Training data is available under the data/training
directory. Where you will find the instruction-output pairs.
Tuning and Generation
Fine-tuning code and generation come from Alpaca-LoRa repository.
Evaluations
We provide two abstractions in evals
that can be used to evaluate the responses from various models.
For the HarmfulnessRewardModel.
from evals import AbsoluteHarmfulnessPredictor, ConversationBuilder
user_texts = [
"User Request 1",
"User Request 2",
]
assistant_texts = [
"Assistant Response 1",
"Assistant Response 2",
]
setup = "redteam" # or "redteam-osst"
harmfulness_predictor = AbsoluteHarmfulnessPredictor(setup, device="cuda:0")

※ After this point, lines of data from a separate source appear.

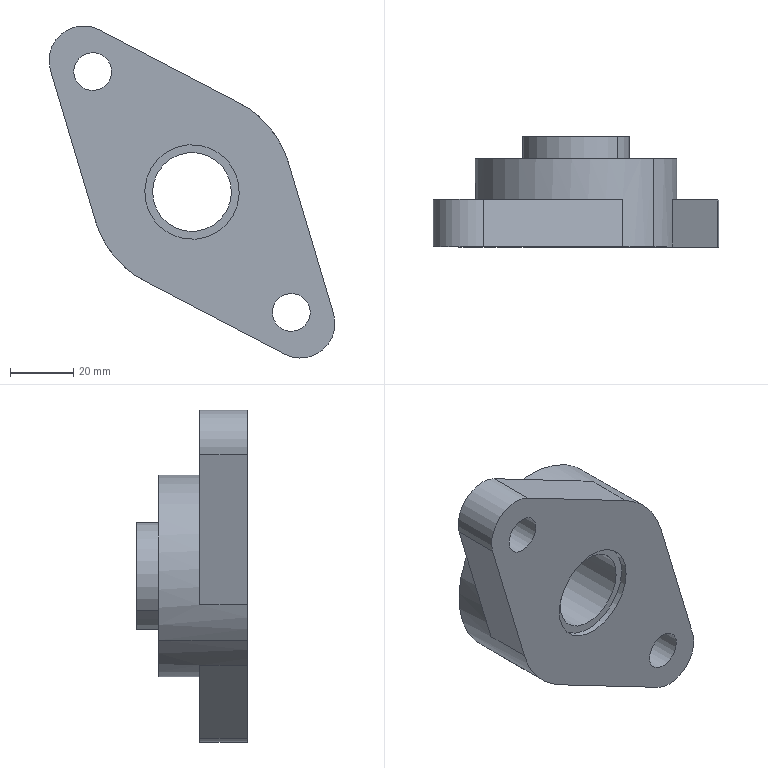Component | SolidWorks | -UCFL205-1 | 1 solid | 24 faces | box 90.73 x 35 x 105.31 mm | volume 107870 mm3 | cylinder 14 | plane 10 | commonest cylinder face diameters 12 x4 30 x2 34 x2 64 x2 25 x2 22 x2
build123d program:
from build123d import *

# Parameters (mm, degrees)
SKETCH1_R           = 6
BOSS_EXTRUDE1_DEPTH = 15
SKETCH2_R           = 32
BOSS_EXTRUDE2_DEPTH = 13
SKETCH3_R           = 12.5
CUT_EXTRUDE1_DEPTH  = 78.672
BOSS_EXTRUDE3_START = 7
SKETCH4_R           = 17
SKETCH4_R_2         = 12.5
BOSS_EXTRUDE3_DEPTH = 7
SKETCH5_R           = 15
CUT_EXTRUDE2_DEPTH  = 2


with BuildPart() as part:
    # Sketch1 → Boss-Extrude1 (new body)
    with BuildSketch(Plane(origin=(0, 0, 0), x_dir=(1, 0, 0), z_dir=(0, 1, 0))):
        with BuildLine():
            Line((-58.278, 10.134), (-12.444, 29.481))
            ThreePointArc((-12.444, 29.481), (0, 32), (12.444, 29.481))
            Line((12.444, 29.481), (58.278, 10.134))
            ThreePointArc((58.278, 10.134), (65, 0), (58.278, -10.134))
            Line((58.278, -10.134), (12.444, -29.481))
            ThreePointArc((12.444, -29.481), (0, -32), (-12.444, -29.481))
            Line((-12.444, -29.481), (-58.278, -10.134))
            ThreePointArc((-58.278, -10.134), (-65, 0), (-58.278, 10.134))
        make_face()
        with Locations(Location((-49.5, 0, 0), (0, 0, 270))):
            Circle(SKETCH1_R, mode=Mode.SUBTRACT)
        with Locations(Location((49.5, 0, 0), (0, 0, 270))):
            Circle(SKETCH1_R, mode=Mode.SUBTRACT)
    extrude(amount=BOSS_EXTRUDE1_DEPTH)

    # Sketch2 → Boss-Extrude2 (add)
    with BuildSketch(Plane(origin=(0, 15, 0), x_dir=(1, 0, 0), z_dir=(0, 1, 0))):
        with Locations(Location((0, 0, 0), (0, 0, 112.885))):
            Circle(SKETCH2_R)
    extrude(amount=BOSS_EXTRUDE2_DEPTH)

    # Sketch3 → Cut-Extrude1 (cut, through all)
    with BuildSketch(Plane(origin=(0, 28, 0), x_dir=(1, 0, 0), z_dir=(0, 1, 0))):
        with Locations(Location((0, 0, 0), (0, 0, 270))):
            Circle(SKETCH3_R)
    extrude(amount=-CUT_EXTRUDE1_DEPTH, mode=Mode.SUBTRACT)

    # Sketch4 → Boss-Extrude3 (add)
    with BuildSketch(Plane(origin=(0, 28, 0), x_dir=(1, 0, 0), z_dir=(0, 1, 0)).offset(BOSS_EXTRUDE3_START)):
        with Locations(Location((0, 0, 0), (0, 0, 270))):
            Circle(SKETCH4_R)
        with Locations(Location((0, 0, 0), (0, 0, 270))):
            Circle(SKETCH4_R_2, mode=Mode.SUBTRACT)
    extrude(amount=-BOSS_EXTRUDE3_DEPTH)

    # Sketch5 → Cut-Extrude2 (cut)
    with BuildSketch(Plane.XZ):
        with Locations(Location((0, 0, 0), (0, 0, 270))):
            Circle(SKETCH5_R)
    extrude(amount=-CUT_EXTRUDE2_DEPTH, mode=Mode.SUBTRACT)


solid = part.part

# Placed as in the assembly
solid = solid.moved(Location((205, 936, -173), (180, -50.479, 180)))
STEP:
#1=COLOUR_RGB('',0.7922,0.8196,0.9333);
#2=FILL_AREA_STYLE_COLOUR('',#1);
#3=FILL_AREA_STYLE('',(#2));
#4=SURFACE_STYLE_FILL_AREA(#3);
#5=SURFACE_SIDE_STYLE('',(#4));
#6=SURFACE_STYLE_USAGE(.BOTH.,#5);
#7=PRESENTATION_STYLE_ASSIGNMENT((#6));
#8=CARTESIAN_POINT('',(8.526,36.929,-6.435));
#9=VERTEX_POINT('',#8);
#10=CARTESIAN_POINT('',(7.615,36.929,-7.187));
#11=VERTEX_POINT('',#10);
#12=CARTESIAN_POINT('',(8.071,36.929,-6.811));
#13=DIRECTION('',(0.,-1.,0.));
#14=DIRECTION('',(-0.7714,0.,-0.6364));
#15=AXIS2_PLACEMENT_3D('',#12,#13,#14);
#16=CIRCLE('',#15,0.5906);
#17=EDGE_CURVE('',#9,#11,#16,.T.);
#18=ORIENTED_EDGE('',*,*,#17,.F.);
#19=CARTESIAN_POINT('',(8.526,36.85,-6.435));
#20=VERTEX_POINT('',#19);
#21=CARTESIAN_POINT('',(8.526,36.929,-6.435));
#22=DIRECTION('',(0.,-1.,0.));
#23=VECTOR('',#22,39.37);
#24=LINE('',#21,#23);
#25=EDGE_CURVE('',#9,#20,#24,.T.);
#26=ORIENTED_EDGE('',*,*,#25,.T.);
#27=CARTESIAN_POINT('',(7.615,36.85,-7.187));
#28=VERTEX_POINT('',#27);
#29=CARTESIAN_POINT('',(8.071,36.85,-6.811));
#30=DIRECTION('',(0.,-1.,0.));
#31=DIRECTION('',(-0.7714,0.,-0.6364));
#32=AXIS2_PLACEMENT_3D('',#29,#30,#31);
#33=CIRCLE('',#32,0.5906);
#34=EDGE_CURVE('',#20,#28,#33,.T.);
#35=ORIENTED_EDGE('',*,*,#34,.T.);
#36=CARTESIAN_POINT('',(7.615,36.929,-7.187));
#37=DIRECTION('',(0.,-1.,0.));
#38=VECTOR('',#37,39.37);
#39=LINE('',#36,#38);
#40=EDGE_CURVE('',#11,#28,#39,.T.);
#41=ORIENTED_EDGE('',*,*,#40,.F.);
#42=EDGE_LOOP('',(#18,#26,#35,#41));
#43=FACE_OUTER_BOUND('',#42,.T.);
#44=CARTESIAN_POINT('',(8.071,36.929,-6.811));
#45=DIRECTION('',(0.,-1.,0.));
#46=DIRECTION('',(-0.7714,0.,-0.6364));
#47=AXIS2_PLACEMENT_3D('',#44,#45,#46);
#48=CYLINDRICAL_SURFACE('',#47,0.5906);
#49=ADVANCED_FACE('',(#43),#48,.F.);
#50=CARTESIAN_POINT('',(8.587,38.228,-6.385));
#51=VERTEX_POINT('',#50);
#52=CARTESIAN_POINT('',(7.555,38.228,-7.237));
#53=VERTEX_POINT('',#52);
#54=CARTESIAN_POINT('',(8.071,38.228,-6.811));
#55=DIRECTION('',(0.,1.,0.));
#56=DIRECTION('',(0.7714,0.,0.6364));
#57=AXIS2_PLACEMENT_3D('',#54,#55,#56);
#58=CIRCLE('',#57,0.6693);
#59=EDGE_CURVE('',#51,#53,#58,.T.);
#60=ORIENTED_EDGE('',*,*,#59,.F.);
#61=CARTESIAN_POINT('',(8.587,37.953,-6.385));
#62=VERTEX_POINT('',#61);
#63=CARTESIAN_POINT('',(8.587,38.228,-6.385));
#64=DIRECTION('',(0.,-1.,0.));
#65=VECTOR('',#64,39.37);
#66=LINE('',#63,#65);
#67=EDGE_CURVE('',#51,#62,#66,.T.);
#68=ORIENTED_EDGE('',*,*,#67,.T.);
#69=CARTESIAN_POINT('',(7.555,37.953,-7.237));
#70=VERTEX_POINT('',#69);
#71=CARTESIAN_POINT('',(8.071,37.953,-6.811));
#72=DIRECTION('',(0.,1.,0.));
#73=DIRECTION('',(0.7714,0.,0.6364));
#74=AXIS2_PLACEMENT_3D('',#71,#72,#73);
#75=CIRCLE('',#74,0.6693);
#76=EDGE_CURVE('',#62,#70,#75,.T.);
#77=ORIENTED_EDGE('',*,*,#76,.T.);
#78=CARTESIAN_POINT('',(7.555,38.228,-7.237));
#79=DIRECTION('',(0.,-1.,0.));
#80=VECTOR('',#79,39.37);
#81=LINE('',#78,#80);
#82=EDGE_CURVE('',#53,#70,#81,.T.);
#83=ORIENTED_EDGE('',*,*,#82,.F.);
#84=EDGE_LOOP('',(#60,#68,#77,#83));
#85=FACE_OUTER_BOUND('',#84,.T.);
#86=CARTESIAN_POINT('',(8.071,38.228,-6.811));
#87=DIRECTION('',(0.,-1.,0.));
#88=DIRECTION('',(-0.7714,0.,-0.6364));
#89=AXIS2_PLACEMENT_3D('',#86,#87,#88);
#90=CYLINDRICAL_SURFACE('',#89,0.6693);
#91=ADVANCED_FACE('',(#85),#90,.T.);
#92=CARTESIAN_POINT('',(9.129,37.441,-8.465));
#93=VERTEX_POINT('',#92);
#94=CARTESIAN_POINT('',(9.493,37.441,-8.164));
#95=VERTEX_POINT('',#94);
#96=CARTESIAN_POINT('',(9.311,37.441,-8.314));
#97=DIRECTION('',(0.,1.,0.));
#98=DIRECTION('',(0.7714,0.,0.6364));
#99=AXIS2_PLACEMENT_3D('',#96,#97,#98);
#100=CIRCLE('',#99,0.2362);
#101=EDGE_CURVE('',#93,#95,#100,.T.);
#102=ORIENTED_EDGE('',*,*,#101,.T.);
#103=CARTESIAN_POINT('',(9.493,36.85,-8.164));
#104=VERTEX_POINT('',#103);
#105=CARTESIAN_POINT('',(9.493,37.441,-8.164));
#106=DIRECTION('',(0.,-1.,0.));
#107=VECTOR('',#106,39.37);
#108=LINE('',#105,#107);
#109=EDGE_CURVE('',#95,#104,#108,.T.);
#110=ORIENTED_EDGE('',*,*,#109,.T.);
#111=CARTESIAN_POINT('',(9.129,36.85,-8.465));
#112=VERTEX_POINT('',#111);
#113=CARTESIAN_POINT('',(9.311,36.85,-8.314));
#114=DIRECTION('',(0.,1.,0.));
#115=DIRECTION('',(0.7714,0.,0.6364));
#116=AXIS2_PLACEMENT_3D('',#113,#114,#115);
#117=CIRCLE('',#116,0.2362);
#118=EDGE_CURVE('',#112,#104,#117,.T.);
#119=ORIENTED_EDGE('',*,*,#118,.F.);
#120=CARTESIAN_POINT('',(9.129,37.441,-8.465));
#121=DIRECTION('',(0.,-1.,0.));
#122=VECTOR('',#121,39.37);
#123=LINE('',#120,#122);
#124=EDGE_CURVE('',#93,#112,#123,.T.);
#125=ORIENTED_EDGE('',*,*,#124,.F.);
#126=EDGE_LOOP('',(#102,#110,#119,#125));
#127=FACE_OUTER_BOUND('',#126,.T.);
#128=CARTESIAN_POINT('',(9.311,37.441,-8.314));
#129=DIRECTION('',(0.,-1.,0.));
#130=DIRECTION('',(-0.7714,0.,-0.6364));
#131=AXIS2_PLACEMENT_3D('',#128,#129,#130);
#132=CYLINDRICAL_SURFACE('',#131,0.2362);
#133=ADVANCED_FACE('',(#127),#132,.F.);
#134=CARTESIAN_POINT('',(6.648,37.441,-5.458));
#135=VERTEX_POINT('',#134);
#136=CARTESIAN_POINT('',(7.013,37.441,-5.157));
#137=VERTEX_POINT('',#136);
#138=CARTESIAN_POINT('',(6.831,37.441,-5.308));
#139=DIRECTION('',(0.,1.,0.));
#140=DIRECTION('',(0.7714,0.,0.6364));
#141=AXIS2_PLACEMENT_3D('',#138,#139,#140);
#142=CIRCLE('',#141,0.2362);
#143=EDGE_CURVE('',#135,#137,#142,.T.);
#144=ORIENTED_EDGE('',*,*,#143,.T.);
#145=CARTESIAN_POINT('',(7.013,36.85,-5.157));
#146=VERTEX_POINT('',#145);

harmfulness_scores = harmfulness_predictor.predict(user_texts, assistant_texts)
print(harmfulness_scores)
For the OpenAI Evaluator, you will have to set the environment variable OPEN_AI_KEY
and then run:
from evals import ContentModeration
cm = ContentModeration()
scores = cm.content_moderation(assistant_texts)
Script to run Generation
The following script should run with any of our safety datasets. Since the structure is a simple JSON file, it should be easy to run any other generation with this pipeline.
python generation/generate_answers.py \
--prompt_template_path ./configs/alpaca.json \
--input_path ${instructions} \
--output_path ${output_dir} \
--lora_weights ${model} \
--load_8bit
Licensing
-
Code is licensed under the MIT License.
-
Due to the fact that some of the data is GPT-generated and comes from other work, Data is licensed under the Creative Commons Attribution Non Commercial 4.0 License. For SafeText data, also referred as PhysicalSafety in our paper, please refer to [1].
[1] Levy, S., Allaway, E., Subbiah, M., Chilton, L., Patton, D., McKeown, K., & Wang, W. Y. (2022). Safetext: A benchmark for exploring physical safety in language models. EMNLP.